Sicher ist noch nichts. Versprochen auch nicht. Das Departement Gesundheit und Sport des Kantons hat mit der Vermittlung eines Beitrags des Lotteriefonds dafür gesorgt, dass die letzten zwei Jahre finanziert werden konnten. Ausserdem wurde «BBB» vom Bund, den Landeskirchen und dem Roten Kreuz unterstützt.

Immerhin sei man sich heute einig, dass die Leute beschäftigt werden müssen, bilanziert Geiser. Just diese Woche verkündete Bundesrätin Simonetta Sommaruga, die Bürokratiehürden sollen abgebaut werden, damit vorläufig aufgenommene Personen rascher eine Arbeitsbewilligung erhalten. «Heute ist der F-Ausweis eine Sackgasse», sagt Geiser. Er erzählt von einem Aarauer Wirt, der einen jungen Man mit F-Ausweis einstellen wollte, aber erst mal eine Rüge vom Kanton kassierte, dass der Mann eine Woche ohne Bewilligung bei ihm geschnuppert hatte. Das raubte dem Wirt den Willen, die richtige Arbeitsbewilligung abzuwarten und er sagte dem Mann ab.

«Ich bin heute nicht ernüchtert», sagt Geiser, «oder nur so weit, dass mich solche Geschichten nicht mehr aus der Bahn werfen.»

Einer von vielen Freiwilligen

Ich solle, bat er auch gestern, nicht über ihn, sondern das Projekt schreiben. Er sei nur einer von dreissig Freiwilligen, er gehe nur noch maximal einmal im Monat selber an einen Anlass, um den Kontakt nicht zu verlieren. Seine meiste Zeit verwendet er aufs Organisieren der Aktivitäten bei den verschiedenen Vereinen und Institutionen.

Er nennt jene, die so in den direkten Kontakt mit Asylbewerbern kommen, «Multiplikatoren von Erfahrungen». Wie die Bibliothekarin, die nach einer Führung in der Stadtbibliothek Aarau sagte, es sei schon verrückt zu sehen, dass es Asylbewerber gebe, die denselben Bildungsanspruch hätten wie die Schweizer. Die hungrig sind nach Büchern. Oder einer vom Naturschutzverein Suhr, der staunte, wie die Leute an einem organisierten Nachmittag motiviert arbeiteten.

Damals im Gönhardwald 2011 hatte Geiser zuerst gezittert, ob noch mehr als die ersten drei Männer aufkreuzen würden zum Bäumeschneiden. Heute sind die Angebote in der Region ein Selbstläufer. Nur hat Geiser noch Mühe, dass sich das Angebot im ganzen Kanton ausweitet. «Es braucht Freiwillige, aber dazu ein professioneller Anbieter», wiederholt er.

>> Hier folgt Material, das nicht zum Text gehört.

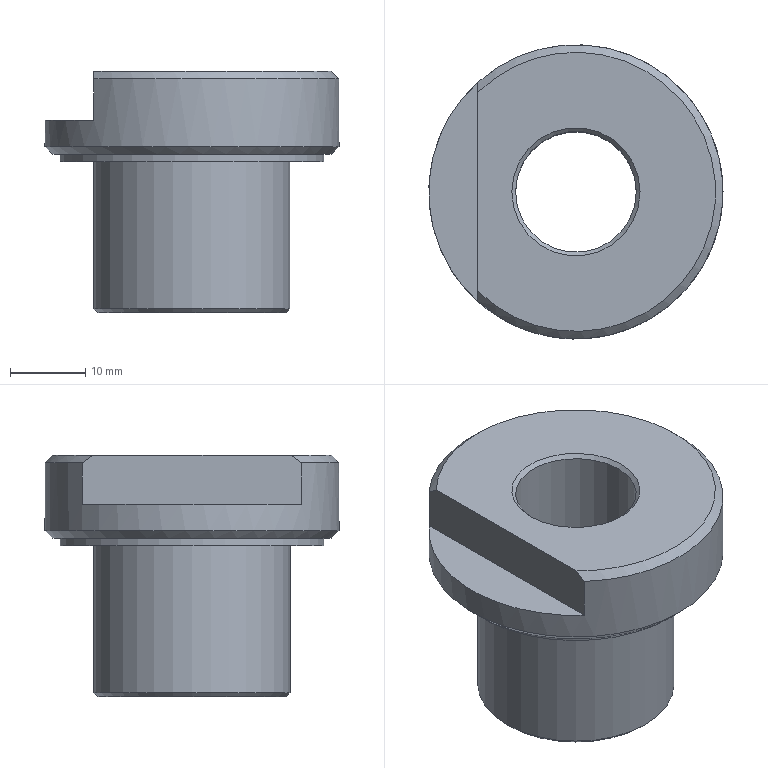Component | NX | DRILL_BUSHING | 1 solid | 17 faces | box 39 x 39 x 32 mm | volume 17133 mm3 | plane 7 | cylinder 5 | cone 5 | commonest cylinder face diameters 35 x1 39 x1 30 x1 26 x1 16 x1
STEP:
#1=CARTESIAN_POINT('',(0.,0.,0.));
#2=DIRECTION('',(0.,0.,1.));
#3=DIRECTION('',(1.,0.,0.));
#4=AXIS2_PLACEMENT_3D('',#1,#2,#3);
#5=CARTESIAN_POINT('',(30.5,0.,39.));
#6=VERTEX_POINT('',#5);
#7=CARTESIAN_POINT('',(13.,0.,39.));
#8=DIRECTION('',(0.,0.,1.));
#9=DIRECTION('',(1.,0.,0.));
#10=AXIS2_PLACEMENT_3D('',#7,#8,#9);
#11=CIRCLE('',#10,17.5);
#12=CARTESIAN_POINT('',(13.,0.,39.));
#13=DIRECTION('',(0.,0.,-1.));
#14=DIRECTION('',(-1.,0.,0.));
#15=AXIS2_PLACEMENT_3D('',#12,#13,#14);
#16=CYLINDRICAL_SURFACE('',#15,17.5);
#17=CARTESIAN_POINT('',(9.425,0.));
#18=DIRECTION('',(-1.,0.));
#19=VECTOR('',#18,1.);
#20=LINE('',#17,#19);
#21=(GEOMETRIC_REPRESENTATION_CONTEXT(2)PARAMETRIC_REPRESENTATION_CONTEXT()REPRESENTATION_CONTEXT('',''));
#22=DEFINITIONAL_REPRESENTATION('',(#20),#21);
#23=PCURVE('',#16,#22);
#24=CARTESIAN_POINT('',(13.,0.,39.));
#25=DIRECTION('',(0.,0.,1.));
#26=DIRECTION('',(1.,0.,0.));
#27=AXIS2_PLACEMENT_3D('',#24,#25,#26);
#28=PLANE('',#27);
#29=CARTESIAN_POINT('',(0.,0.));
#30=DIRECTION('',(1.,0.));
#31=AXIS2_PLACEMENT_2D('',#29,#30);
#32=CIRCLE('',#31,17.5);
#33=(GEOMETRIC_REPRESENTATION_CONTEXT(2)PARAMETRIC_REPRESENTATION_CONTEXT()REPRESENTATION_CONTEXT('',''));
#34=DEFINITIONAL_REPRESENTATION('',(#32),#33);
#35=PCURVE('',#28,#34);
#36=SURFACE_CURVE('',#11,(#23,#35),.PCURVE_S1.);
#37=EDGE_CURVE('',#6,#6,#36,.T.);
#38=ORIENTED_EDGE('',*,*,#37,.F.);
#39=CARTESIAN_POINT('',(30.5,0.,38.));
#40=VERTEX_POINT('',#39);
#41=CARTESIAN_POINT('',(30.5,0.,39.));
#42=CARTESIAN_POINT('',(30.5,0.,38.));
#43=B_SPLINE_CURVE_WITH_KNOTS('',1,(#41,#42),.UNSPECIFIED.,.F.,.F.,(2,2),(0.,1.),.PIECEWISE_BEZIER_KNOTS.);
#44=CARTESIAN_POINT('',(9.425,0.));
#45=DIRECTION('',(0.,1.));
#46=VECTOR('',#45,1.);
#47=LINE('',#44,#46);
#48=(GEOMETRIC_REPRESENTATION_CONTEXT(2)PARAMETRIC_REPRESENTATION_CONTEXT()REPRESENTATION_CONTEXT('',''));
#49=DEFINITIONAL_REPRESENTATION('',(#47),#48);
#50=PCURVE('',#16,#49);
#51=CARTESIAN_POINT('',(3.142,0.));
#52=DIRECTION('',(0.,1.));
#53=VECTOR('',#52,1.);
#54=LINE('',#51,#53);
#55=(GEOMETRIC_REPRESENTATION_CONTEXT(2)PARAMETRIC_REPRESENTATION_CONTEXT()REPRESENTATION_CONTEXT('',''));
#56=DEFINITIONAL_REPRESENTATION('',(#54),#55);
#57=PCURVE('',#16,#56);
#58=SEAM_CURVE('',#43,(#50,#57),.PCURVE_S1.);
#59=EDGE_CURVE('',#6,#40,#58,.T.);
#60=ORIENTED_EDGE('',*,*,#59,.T.);
#61=CARTESIAN_POINT('',(13.,0.,38.));
#62=DIRECTION('',(0.,0.,1.));
#63=DIRECTION('',(1.,0.,0.));
#64=AXIS2_PLACEMENT_3D('',#61,#62,#63);
#65=CIRCLE('',#64,17.5);
#66=CARTESIAN_POINT('',(9.425,1.));
#67=DIRECTION('',(-1.,0.));
#68=VECTOR('',#67,1.);
#69=LINE('',#66,#68);
#70=(GEOMETRIC_REPRESENTATION_CONTEXT(2)PARAMETRIC_REPRESENTATION_CONTEXT()REPRESENTATION_CONTEXT('',''));
#71=DEFINITIONAL_REPRESENTATION('',(#69),#70);
#72=PCURVE('',#16,#71);
#73=CARTESIAN_POINT('',(13.,0.,38.));
#74=DIRECTION('',(0.,0.,1.));
#75=DIRECTION('',(1.,0.,0.));
#76=AXIS2_PLACEMENT_3D('',#73,#74,#75);
#77=PLANE('',#76);
#78=CARTESIAN_POINT('',(0.,0.));
#79=DIRECTION('',(1.,0.));
#80=AXIS2_PLACEMENT_2D('',#78,#79);
#81=CIRCLE('',#80,17.5);
#82=(GEOMETRIC_REPRESENTATION_CONTEXT(2)PARAMETRIC_REPRESENTATION_CONTEXT()REPRESENTATION_CONTEXT('',''));
#83=DEFINITIONAL_REPRESENTATION('',(#81),#82);
#84=PCURVE('',#77,#83);
#85=SURFACE_CURVE('',#65,(#72,#84),.PCURVE_S1.);
#86=EDGE_CURVE('',#40,#40,#85,.T.);
#87=ORIENTED_EDGE('',*,*,#86,.T.);
#88=ORIENTED_EDGE('',*,*,#59,.F.);
#89=EDGE_LOOP('',(#38,#60,#87,#88));
#90=FACE_BOUND('',#89,.T.);
#91=ADVANCED_FACE('',(#90),#16,.T.);
#92=CARTESIAN_POINT('',(28.,0.,38.));
#93=VERTEX_POINT('',#92);
#94=CARTESIAN_POINT('',(13.,0.,38.));
#95=DIRECTION('',(0.,0.,-1.));
#96=DIRECTION('',(1.,0.,0.));
#97=AXIS2_PLACEMENT_3D('',#94,#95,#96);
#98=CIRCLE('',#97,15.);
#99=CARTESIAN_POINT('',(15.,0.));
#100=CARTESIAN_POINT('',(15.,-25.981));
#101=CARTESIAN_POINT('',(-7.5,-12.99));
#102=CARTESIAN_POINT('',(-30.,-0.));
#103=CARTESIAN_POINT('',(-7.5,12.99));
#104=CARTESIAN_POINT('',(15.,25.981));
#105=CARTESIAN_POINT('',(15.,0.));
#106=(BOUNDED_CURVE()B_SPLINE_CURVE(2,(#99,#100,#101,#102,#103,#104,#105),.UNSPECIFIED.,.T.,.F.)B_SPLINE_CURVE_WITH_KNOTS((1,2,2,2,2,1),(-2.094,0.,2.094,4.189,6.283,8.378),.UNSPECIFIED.)CURVE()GEOMETRIC_REPRESENTATION_ITEM()RATIONAL_B_SPLINE_CURVE((1.,0.5,1.,0.5,1.,0.5,1.))REPRESENTATION_ITEM(''));
#107=(GEOMETRIC_REPRESENTATION_CONTEXT(2)PARAMETRIC_REPRESENTATION_CONTEXT()REPRESENTATION_CONTEXT('',''));
#108=DEFINITIONAL_REPRESENTATION('',(#106),#107);
#109=PCURVE('',#77,#108);
#110=CARTESIAN_POINT('',(13.,0.,38.));
#111=DIRECTION('',(0.,0.,1.));
#112=DIRECTION('',(1.,0.,0.));
#113=AXIS2_PLACEMENT_3D('',#110,#111,#112);
#114=CYLINDRICAL_SURFACE('',#113,15.);
#115=CARTESIAN_POINT('',(6.283,0.));
#116=DIRECTION('',(-1.,0.));
#117=VECTOR('',#116,1.);
#118=LINE('',#115,#117);
#119=(GEOMETRIC_REPRESENTATION_CONTEXT(2)PARAMETRIC_REPRESENTATION_CONTEXT()REPRESENTATION_CONTEXT('',''));
#120=DEFINITIONAL_REPRESENTATION('',(#118),#119);
#121=PCURVE('',#114,#120);
#122=SURFACE_CURVE('',#98,(#109,#121),.PCURVE_S1.);
#123=EDGE_CURVE('',#93,#93,#122,.T.);
#124=ORIENTED_EDGE('',*,*,#123,.F.);
#125=EDGE_LOOP('',(#124));
#126=FACE_BOUND('',#125,.T.);
#127=ORIENTED_EDGE('',*,*,#86,.F.);
#128=EDGE_LOOP('',(#127));
#129=FACE_BOUND('',#128,.T.);
#130=ADVANCED_FACE('',(#126,#129),#77,.F.);
#131=CARTESIAN_POINT('',(32.5,0.,40.));
#132=VERTEX_POINT('',#131);
#133=CARTESIAN_POINT('',(-0.,14.534,40.));
#134=VERTEX_POINT('',#133);
#135=CARTESIAN_POINT('',(13.,0.,40.));
#136=DIRECTION('',(0.,0.,1.));
#137=DIRECTION('',(1.,0.,0.));
#138=AXIS2_PLACEMENT_3D('',#135,#136,#137);
#139=CIRCLE('',#138,19.5);
#140=CARTESIAN_POINT('',(13.,0.,50.));
#141=DIRECTION('',(0.,0.,-1.));
#142=DIRECTION('',(-1.,0.,0.));
#143=AXIS2_PLACEMENT_3D('',#140,#141,#142);
#144=CYLINDRICAL_SURFACE('',#143,19.5);
#145=CARTESIAN_POINT('',(3.142,10.));
#146=DIRECTION('',(-1.,0.));
#147=VECTOR('',#146,1.);
#148=LINE('',#145,#147);
#149=(GEOMETRIC_REPRESENTATION_CONTEXT(2)PARAMETRIC_REPRESENTATION_CONTEXT()REPRESENTATION_CONTEXT('',''));
#150=DEFINITIONAL_REPRESENTATION('',(#148),#149);
#151=PCURVE('',#144,#150);
#152=CARTESIAN_POINT('',(13.,0.,40.));
#153=DIRECTION('',(0.,0.,1.));
#154=DIRECTION('',(1.,0.,0.));
#155=AXIS2_PLACEMENT_3D('',#152,#153,#154);
#156=CONICAL_SURFACE('',#155,19.5,0.7854);
#157=CARTESIAN_POINT('',(0.,0.));
#158=DIRECTION('',(1.,0.));
#159=VECTOR('',#158,1.);
#160=LINE('',#157,#159);
#161=(GEOMETRIC_REPRESENTATION_CONTEXT(2)PARAMETRIC_REPRESENTATION_CONTEXT()REPRESENTATION_CONTEXT('',''));
#162=DEFINITIONAL_REPRESENTATION('',(#160),#161);
#163=PCURVE('',#156,#162);
#164=SURFACE_CURVE('',#139,(#151,#163),.PCURVE_S1.);
#165=EDGE_CURVE('',#132,#134,#164,.T.);
#166=ORIENTED_EDGE('',*,*,#165,.T.);
#167=CARTESIAN_POINT('',(0.,14.534,43.5));
#168=VERTEX_POINT('',#167);
#169=CARTESIAN_POINT('',(-0.,14.534,43.5));
#170=CARTESIAN_POINT('',(-0.,14.534,40.));
#171=B_SPLINE_CURVE_WITH_KNOTS('',1,(#169,#170),.UNSPECIFIED.,.F.,.F.,(2,2),(6.5,10.),.PIECEWISE_BEZIER_KNOTS.);
#172=CARTESIAN_POINT('',(0.8411,0.));
#173=DIRECTION('',(0.,1.));
#174=VECTOR('',#173,1.);
#175=LINE('',#172,#174);
#176=(GEOMETRIC_REPRESENTATION_CONTEXT(2)PARAMETRIC_REPRESENTATION_CONTEXT()REPRESENTATION_CONTEXT('',''));
#177=DEFINITIONAL_REPRESENTATION('',(#175),#176);
#178=PCURVE('',#144,#177);
#179=CARTESIAN_POINT('',(7.124,0.));
#180=DIRECTION('',(0.,1.));
#181=VECTOR('',#180,1.);
#182=LINE('',#179,#181);
#183=(GEOMETRIC_REPRESENTATION_CONTEXT(2)PARAMETRIC_REPRESENTATION_CONTEXT()REPRESENTATION_CONTEXT('',''));
#184=DEFINITIONAL_REPRESENTATION('',(#182),#183);
#185=PCURVE('',#144,#184);
#186=SEAM_CURVE('',#171,(#178,#185),.PCURVE_S1.);
#187=EDGE_CURVE('',#168,#134,#186,.T.);
#188=ORIENTED_EDGE('',*,*,#187,.F.);
#189=CARTESIAN_POINT('',(0.,14.534,49.));
#190=VERTEX_POINT('',#189);
#191=CARTESIAN_POINT('',(0.,14.534,50.));
#192=DIRECTION('',(0.,0.,1.));
#193=VECTOR('',#192,1.);
#194=LINE('',#191,#193);
#195=CARTESIAN_POINT('',(0.8411,0.));
#196=DIRECTION('',(0.,-1.));
#197=VECTOR('',#196,1.);
#198=LINE('',#195,#197);
#199=(GEOMETRIC_REPRESENTATION_CONTEXT(2)PARAMETRIC_REPRESENTATION_CONTEXT()REPRESENTATION_CONTEXT('',''));
#200=DEFINITIONAL_REPRESENTATION('',(#198),#199);
#201=PCURVE('',#144,#200);
#202=CARTESIAN_POINT('',(0.,-23.,43.5));
#203=DIRECTION('',(1.,0.,0.));
#204=DIRECTION('',(-0.,1.,0.));
#205=AXIS2_PLACEMENT_3D('',#202,#203,#204);
#206=PLANE('',#205);
#207=CARTESIAN_POINT('',(37.534,6.5));
#208=DIRECTION('',(0.,1.));
#209=VECTOR('',#208,1.);
#210=LINE('',#207,#209);
#211=(GEOMETRIC_REPRESENTATION_CONTEXT(2)PARAMETRIC_REPRESENTATION_CONTEXT()REPRESENTATION_CONTEXT('',''));
#212=DEFINITIONAL_REPRESENTATION('',(#210),#211);
#213=PCURVE('',#206,#212);
#214=SURFACE_CURVE('',#194,(#201,#213),.PCURVE_S1.);
#215=EDGE_CURVE('',#168,#190,#214,.T.);
#216=ORIENTED_EDGE('',*,*,#215,.T.);
#217=CARTESIAN_POINT('',(0.,-14.534,49.));
#218=VERTEX_POINT('',#217);
#219=CARTESIAN_POINT('',(13.,0.,49.));
#220=DIRECTION('',(0.,0.,-1.));
#221=DIRECTION('',(1.,0.,0.));
#222=AXIS2_PLACEMENT_3D('',#219,#220,#221);
#223=CIRCLE('',#222,19.5);
#224=CARTESIAN_POINT('',(-3.142,1.));
#225=DIRECTION('',(1.,0.));
#226=VECTOR('',#225,1.);
#227=LINE('',#224,#226);
#228=(GEOMETRIC_REPRESENTATION_CONTEXT(2)PARAMETRIC_REPRESENTATION_CONTEXT()REPRESENTATION_CONTEXT('',''));
#229=DEFINITIONAL_REPRESENTATION('',(#227),#228);
#230=PCURVE('',#144,#229);
#231=CARTESIAN_POINT('',(13.,0.,50.));
#232=DIRECTION('',(0.,0.,-1.));
#233=DIRECTION('',(-1.,0.,0.));
#234=AXIS2_PLACEMENT_3D('',#231,#232,#233);
#235=CONICAL_SURFACE('',#234,18.5,0.7854);
#236=CARTESIAN_POINT('',(-3.142,1.));
#237=DIRECTION('',(1.,0.));
#238=VECTOR('',#237,1.);
#239=LINE('',#236,#238);
#240=(GEOMETRIC_REPRESENTATION_CONTEXT(2)PARAMETRIC_REPRESENTATION_CONTEXT()REPRESENTATION_CONTEXT('',''));
#241=DEFINITIONAL_REPRESENTATION('',(#239),#240);
#242=PCURVE('',#235,#241);
#243=SURFACE_CURVE('',#223,(#230,#242),.PCURVE_S1.);
#244=EDGE_CURVE('',#190,#218,#243,.T.);
#245=ORIENTED_EDGE('',*,*,#244,.T.);
#246=CARTESIAN_POINT('',(0.,-14.534,43.5));
#247=VERTEX_POINT('',#246);
#248=CARTESIAN_POINT('',(0.,-14.534,50.));
#249=DIRECTION('',(0.,0.,-1.));
#250=VECTOR('',#249,1.);
#251=LINE('',#248,#250);
#252=CARTESIAN_POINT('',(5.442,0.));
#253=DIRECTION('',(0.,1.));
#254=VECTOR('',#253,1.);
#255=LINE('',#252,#254);
#256=(GEOMETRIC_REPRESENTATION_CONTEXT(2)PARAMETRIC_REPRESENTATION_CONTEXT()REPRESENTATION_CONTEXT('',''));
#257=DEFINITIONAL_REPRESENTATION('',(#255),#256);
#258=PCURVE('',#144,#257);
#259=CARTESIAN_POINT('',(8.466,6.5));
#260=DIRECTION('',(0.,-1.));
#261=VECTOR('',#260,1.);
#262=LINE('',#259,#261);
#263=(GEOMETRIC_REPRESENTATION_CONTEXT(2)PARAMETRIC_REPRESENTATION_CONTEXT()REPRESENTATION_CONTEXT('',''));
#264=DEFINITIONAL_REPRESENTATION('',(#262),#263);
#265=PCURVE('',#206,#264);
#266=SURFACE_CURVE('',#251,(#258,#265),.PCURVE_S1.);
#267=EDGE_CURVE('',#218,#247,#266,.T.);
#268=ORIENTED_EDGE('',*,*,#267,.T.);
#269=CARTESIAN_POINT('',(13.,0.,43.5));
#270=DIRECTION('',(0.,0.,1.));
#271=DIRECTION('',(1.,0.,0.));
#272=AXIS2_PLACEMENT_3D('',#269,#270,#271);
#273=CIRCLE('',#272,19.5);
#274=CARTESIAN_POINT('',(9.425,6.5));
#275=DIRECTION('',(-1.,0.));
#276=VECTOR('',#275,1.);
#277=LINE('',#274,#276);
#278=(GEOMETRIC_REPRESENTATION_CONTEXT(2)PARAMETRIC_REPRESENTATION_CONTEXT()REPRESENTATION_CONTEXT('',''));
#279=DEFINITIONAL_REPRESENTATION('',(#277),#278);
#280=PCURVE('',#144,#279);
#281=CARTESIAN_POINT('',(13.,0.,43.5));
#282=DIRECTION('',(0.,0.,1.));
#283=DIRECTION('',(1.,0.,0.));
#284=AXIS2_PLACEMENT_3D('',#281,#282,#283);
#285=PLANE('',#284);
#286=CARTESIAN_POINT('',(0.,0.));
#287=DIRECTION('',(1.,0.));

«Der Aarauer Rolf Geiser kämpft um den Titel ‹Held des Alltags›», hatte Radio SRF geschrieben. Geiser lacht. Kämpfen, das tut er für seine Sache, nicht für einen Titel.

Etwas würde ihn aber doch freuen, falls er gewählt wird am Sonntag: In der Sendung «Persönlich» mit Autor Pedro Lenz zu reden. «Er spricht meine Sprache», sagt Geiser, «und die Menschen, die er beschreibt, kenne ich in meiner Erfahrungswelt auch.»